Webb J H, Mayer R J, Dixon L K
Institute for Animal Health, Pirbright Laboratory, Woking, UK.
FEBS Lett. 1999 Feb 5;444(1):136-9. doi: 10.1016/s0014-5793(99)00025-3.
An anti-ubiquitin cross-reactive protein which migrates more slowly (6.5 kDa) by SDS-PAGE than ubiquitin was identified in African swine fever virus particles. This protein was extracted into the detergent phase in Triton X-114 phase separations, showing that it is hydrophobic, and was radiolabelled with both [3H]palmitic acid and [32P]orthophosphate. This indicates that the protein has a similar structure to the membrane associated phosphatidyl ubiquitin described in baculovirus particles. A similar molecule was found in vaccinia virus and herpes simplex virus particles, suggesting that it may be a component of uninfected cell membranes, which is incorporated into membrane layers in virions during morphogenesis.
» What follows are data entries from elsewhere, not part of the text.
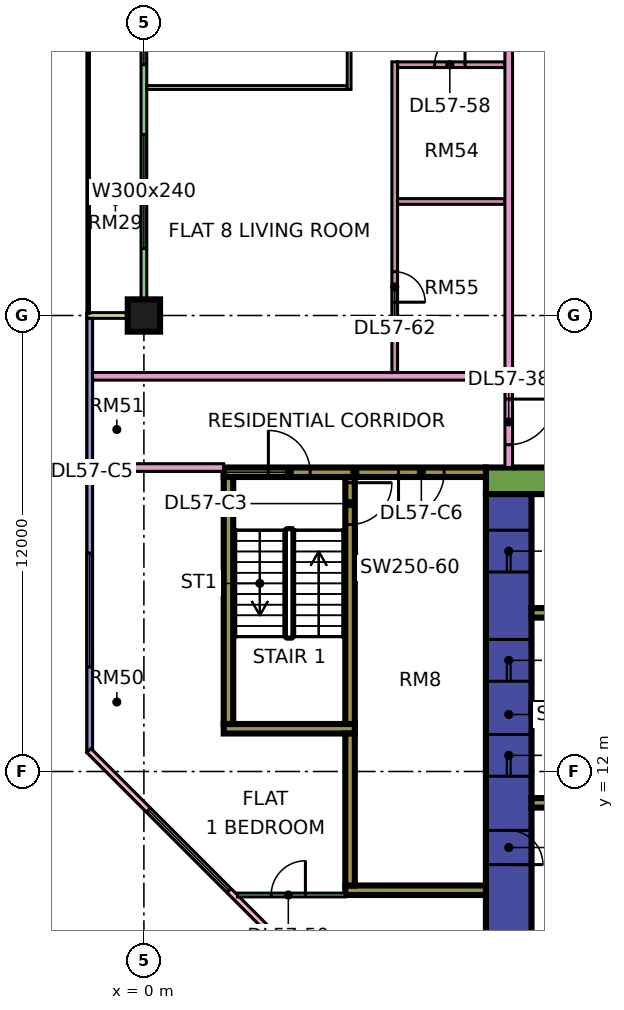
"""IFC4 building model, lengths in metres.
Left out: names, types, materials, properties, quantities, classifications, styles, units other than length and angle.
Written with IfcOpenShell. Run it as: python <this file> out.ifc"""

import sys

from ifc_helpers import new_model, si_unit, direction, frame, frame_2d, origin, origin_2d, place, context, subcontext, project, spatial, rectangle, extrude, element, fill, save


model = new_model("IFC4")
c1 = context("Model", 3, precision=1e-05, world=origin(), true_north=direction((0.0, 1.0)))
c2 = subcontext(c1, "Body", "Model", "MODEL_VIEW")
j1 = project(units=[si_unit("LENGTHUNIT", "METRE"), si_unit("PLANEANGLEUNIT", "RADIAN")], contexts=[c1])
p1 = place(None, origin())
s1 = spatial("IfcSite", under=j1, at=p1, CompositionType="ELEMENT")
p2 = place(p1, origin())
s2 = spatial("IfcBuilding", under=s1, at=p2, CompositionType="ELEMENT")
p3 = place(p2, frame((0.0, 0.0, 241.65)))
s3 = spatial("IfcBuildingStorey", under=s2, at=p3, CompositionType="ELEMENT", Elevation=241.65)
p4 = place(p3, frame((0.0, 24.0, 0.0), z_axis=(0.0, 0.0, 1.0), x_axis=(1.0, 0.0, 0.0)))
e1 = element("IfcColumn", 1, at=p4, inside=s3, PredefinedType="COLUMN", context=c2, shape_type="SweptSolid", body=[
    extrude(rectangle(XDim=0.85, YDim=0.85, at=origin_2d()), origin(), (0.0, 0.0, 1.0), 3.75),
])
p5 = place(p3, frame((9.0, 19.65, 0.0), z_axis=(0.0, 0.0, 1.0), x_axis=(1.0, 0.0, 0.0)))
e2 = element("IfcWall", 2, at=p5, inside=s3, PredefinedType="SHEAR", context=c2, shape_type="SweptSolid", body=[
    extrude(rectangle(XDim=25.0, YDim=0.7, at=frame_2d((12.5, 0.0))), origin(), (0.0, 0.0, 1.0), 3.75),
])
p6 = place(p5, frame((19.1, 0.0, 0.0)))
e3 = element("IfcOpeningElement", 3, at=p6, cuts=e2, PredefinedType="OPENING", context=c2, shape_type="SweptSolid", body=[
    extrude(rectangle(XDim=1.8, YDim=2.4, at=frame_2d((0.9, 1.2))), frame((0.0, 0.36, 0.0), z_axis=(0.0, -1.0, 0.0), x_axis=(1.0, 0.0, 0.0)), (0.0, 0.0, 1.0), 0.72),
])
p7 = place(p3, frame((9.6, 7.7, 0.0), z_axis=(0.0, 0.0, 1.0), x_axis=(0.0, 1.0, 0.0)))
e4 = element("IfcWall", 4, at=p7, inside=s3, PredefinedType="SHEAR", context=c2, shape_type="SweptSolid", body=[
    extrude(rectangle(XDim=11.6, YDim=1.2, at=frame_2d((5.8, 0.0))), origin(), (0.0, 0.0, 1.0), 3.75),
])
p8 = place(p7, frame((4.175, 0.0, 0.0)))
e5 = element("IfcOpeningElement", 5, at=p8, cuts=e4, PredefinedType="OPENING", context=c2, shape_type="SweptSolid", body=[
    extrude(rectangle(XDim=1.1, YDim=2.2, at=frame_2d((0.55, 1.1))), frame((0.0, 0.61, 0.0), z_axis=(0.0, -1.0, 0.0), x_axis=(1.0, 0.0, 0.0)), (0.0, 0.0, 1.0), 1.22),
])
p9 = place(p7, frame((6.675, 0.0, 0.0)))
e6 = element("IfcOpeningElement", 6, at=p9, cuts=e4, PredefinedType="OPENING", context=c2, shape_type="SweptSolid", body=[
    extrude(rectangle(XDim=1.1, YDim=2.2, at=frame_2d((0.55, 1.1))), frame((0.0, 0.61, 0.0), z_axis=(0.0, -1.0, 0.0), x_axis=(1.0, 0.0, 0.0)), (0.0, 0.0, 1.0), 1.22),
])
p10 = place(p7, frame((9.55, 0.0, 0.0)))
e7 = element("IfcOpeningElement", 7, at=p10, cuts=e4, PredefinedType="OPENING", context=c2, shape_type="SweptSolid", body=[
    extrude(rectangle(XDim=1.1, YDim=2.2, at=frame_2d((0.55, 1.1))), frame((0.0, 0.61, 0.0), z_axis=(0.0, -1.0, 0.0), x_axis=(1.0, 0.0, 0.0)), (0.0, 0.0, 1.0), 1.22),
])
p11 = place(p7, frame((1.85, 0.0, 0.0)))
e8 = element("IfcOpeningElement", 8, at=p11, cuts=e4, PredefinedType="OPENING", context=c2, shape_type="SweptSolid", body=[
    extrude(rectangle(XDim=0.9, YDim=2.1, at=frame_2d((0.45, 1.05))), frame((0.0, 0.61, 0.0), z_axis=(0.0, -1.0, 0.0), x_axis=(1.0, 0.0, 0.0)), (0.0, 0.0, 1.0), 1.22),
])
for number, where, z_axis, x_axis in (
    (9, (10.2, 11.175, 0.0), (0.0, 0.0, 1.0), (1.0, 0.0, 0.0)),
    (10, (10.2, 13.675, 0.0), (0.0, 0.0, 1.0), (1.0, 0.0, 0.0)),
    (11, (10.2, 16.175, 0.0), (0.0, 0.0, 1.0), (1.0, 0.0, 0.0)),
):
    element("IfcWall", number, at=place(p3, frame(where, z_axis=z_axis, x_axis=x_axis)), inside=s3, PredefinedType="SHEAR", context=c2, shape_type="SweptSolid", body=[
        extrude(rectangle(XDim=3.0, YDim=0.25, at=frame_2d((1.5, 0.0))), origin(), (0.0, 0.0, 1.0), 3.75),
    ])
p12 = place(p3, frame((2.1, 19.875, 0.0), z_axis=(0.0, 0.0, 1.0), x_axis=(1.0, 0.0, 0.0)))
e12 = element("IfcWall", 12, at=p12, inside=s3, PredefinedType="SHEAR", context=c2, shape_type="SweptSolid", body=[
    extrude(rectangle(XDim=6.9, YDim=0.25, at=frame_2d((3.45, 0.0))), origin(), (0.0, 0.0, 1.0), 3.75),
])
p13 = place(p12, frame((1.175, 0.0, 0.0)))
e13 = element("IfcOpeningElement", 13, at=p13, cuts=e12, PredefinedType="OPENING", context=c2, shape_type="SweptSolid", body=[
    extrude(rectangle(XDim=1.1, YDim=2.2, at=frame_2d((0.55, 1.1))), frame((0.0, 0.135, 0.0), z_axis=(0.0, -1.0, 0.0), x_axis=(1.0, 0.0, 0.0)), (0.0, 0.0, 1.0), 0.27),
])
p14 = place(p12, frame((4.6, 0.0, 0.0)))
e14 = element("IfcOpeningElement", 14, at=p14, cuts=e12, PredefinedType="OPENING", context=c2, shape_type="SweptSolid", body=[
    extrude(rectangle(XDim=1.2, YDim=2.2, at=frame_2d((0.6, 1.1))), frame((0.0, 0.135, 0.0), z_axis=(0.0, -1.0, 0.0), x_axis=(1.0, 0.0, 0.0)), (0.0, 0.0, 1.0), 0.27),
])
p15 = place(p3, frame((2.1, 13.125, 0.0), z_axis=(0.0, 0.0, 1.0), x_axis=(1.0, 0.0, 0.0)))
e15 = element("IfcWall", 15, at=p15, inside=s3, PredefinedType="SHEAR", context=c2, shape_type="SweptSolid", body=[
    extrude(rectangle(XDim=3.45, YDim=0.25, at=frame_2d((1.725, 0.0))), origin(), (0.0, 0.0, 1.0), 3.75),
])
p16 = place(p3, frame((2.225, 13.25, 0.0), z_axis=(0.0, 0.0, 1.0), x_axis=(0.0, 1.0, 0.0)))
e16 = element("IfcWall", 16, at=p16, inside=s3, PredefinedType="SHEAR", context=c2, shape_type="SweptSolid", body=[
    extrude(rectangle(XDim=6.5, YDim=0.25, at=frame_2d((3.25, 0.0))), origin(), (0.0, 0.0, 1.0), 3.75),
])
p17 = place(p3, frame((5.425, 13.25, 0.0), z_axis=(0.0, 0.0, 1.0), x_axis=(0.0, 1.0, 0.0)))
e17 = element("IfcWall", 17, at=p17, inside=s3, PredefinedType="SHEAR", context=c2, shape_type="SweptSolid", body=[
    extrude(rectangle(XDim=6.5, YDim=0.25, at=frame_2d((3.25, 0.0))), origin(), (0.0, 0.0, 1.0), 3.75),
])
p18 = place(p17, frame((5.25, 0.0, 0.0)))
e18 = element("IfcOpeningElement", 18, at=p18, cuts=e17, PredefinedType="OPENING", context=c2, shape_type="SweptSolid", body=[
    extrude(rectangle(XDim=1.1, YDim=2.2, at=frame_2d((0.55, 1.1))), frame((0.0, 0.135, 0.0), z_axis=(0.0, -1.0, 0.0), x_axis=(1.0, 0.0, 0.0)), (0.0, 0.0, 1.0), 0.27),
])
p19 = place(p3, frame((5.3, 8.875, 0.0), z_axis=(0.0, 0.0, 1.0), x_axis=(1.0, 0.0, 0.0)))
e19 = element("IfcWall", 19, at=p19, inside=s3, PredefinedType="SHEAR", context=c2, shape_type="SweptSolid", body=[
    extrude(rectangle(XDim=3.7, YDim=0.25, at=frame_2d((1.85, 0.0))), origin(), (0.0, 0.0, 1.0), 3.75),
])
p20 = place(p3, frame((5.425, 9.0, 0.0), z_axis=(0.0, 0.0, 1.0), x_axis=(0.0, 1.0, 0.0)))
e20 = element("IfcWall", 20, at=p20, inside=s3, PredefinedType="SHEAR", context=c2, shape_type="SweptSolid", body=[
    extrude(rectangle(XDim=4.0, YDim=0.25, at=frame_2d((2.0, 0.0))), origin(), (0.0, 0.0, 1.0), 3.75),
])
p21 = place(p3, frame((0.0, 35.925, 0.0), z_axis=(0.0, 0.0, 1.0), x_axis=(0.0, -1.0, 0.0)))
e21 = element("IfcWall", 21, at=p21, inside=s3, PredefinedType="SOLIDWALL", context=c2, shape_type="SweptSolid", body=[
    extrude(rectangle(XDim=11.85, YDim=0.15, at=frame_2d((5.925, 0.0))), origin(), (0.0, 0.0, 1.0), 3.35),
])
p22 = place(p21, frame((1.087, 0.0, 0.0)))
e22 = element("IfcOpeningElement", 22, at=p22, cuts=e21, PredefinedType="OPENING", context=c2, shape_type="SweptSolid", body=[
    extrude(rectangle(XDim=1.2, YDim=2.4, at=frame_2d((0.6, 1.2))), frame((0.0, 0.085, 0.0), z_axis=(0.0, -1.0, 0.0), x_axis=(1.0, 0.0, 0.0)), (0.0, 0.0, 1.0), 0.17),
])
p23 = place(p21, frame((3.525, 0.0, 0.45)))
e23 = element("IfcOpeningElement", 23, at=p23, cuts=e21, PredefinedType="OPENING", context=c2, shape_type="SweptSolid", body=[
    extrude(rectangle(XDim=1.8, YDim=2.4, at=frame_2d((0.9, 1.2))), frame((0.0, 0.085, 0.0), z_axis=(0.0, -1.0, 0.0), x_axis=(1.0, 0.0, 0.0)), (0.0, 0.0, 1.0), 0.17),
])
p24 = place(p21, frame((7.163, 0.0, 0.45)))
e24 = element("IfcOpeningElement", 24, at=p24, cuts=e21, PredefinedType="OPENING", context=c2, shape_type="SweptSolid", body=[
    extrude(rectangle(XDim=3.0, YDim=2.4, at=frame_2d((1.5, 1.2))), frame((0.0, 0.085, 0.0), z_axis=(0.0, -1.0, 0.0), x_axis=(1.0, 0.0, 0.0)), (0.0, 0.0, 1.0), 0.17),
])
p25 = place(p3, frame((-1.5, 24.0, 0.0), z_axis=(0.0, 0.0, 1.0), x_axis=(1.0, 0.0, 0.0)))
e25 = element("IfcWall", 25, at=p25, inside=s3, PredefinedType="SOLIDWALL", context=c2, shape_type="SweptSolid", body=[
    extrude(rectangle(XDim=1.5, YDim=0.15, at=frame_2d((0.75, 0.0))), origin(), (0.0, 0.0, 1.0), 3.35),
])
p26 = place(p3, frame((-1.425, 23.925, 0.0), z_axis=(0.0, 0.0, 1.0), x_axis=(0.0, -1.0, 0.0)))
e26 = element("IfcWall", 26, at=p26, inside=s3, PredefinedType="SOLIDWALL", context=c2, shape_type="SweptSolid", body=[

在非洲猪瘟病毒颗粒中鉴定出一种抗泛素交叉反应蛋白,在十二烷基硫酸钠-聚丙烯酰胺凝胶电泳(SDS-PAGE)中其迁移速度比泛素慢(6.5 kDa)。该蛋白在Triton X-114相分离中被提取到去污剂相中,表明它具有疏水性,并且用[3H]棕榈酸和[32P]正磷酸盐进行了放射性标记。这表明该蛋白与杆状病毒颗粒中描述的膜相关磷脂酰泛素具有相似的结构。在痘苗病毒和单纯疱疹病毒颗粒中也发现了类似的分子,这表明它可能是未感染细胞膜的一个成分,在形态发生过程中被整合到病毒粒子的膜层中。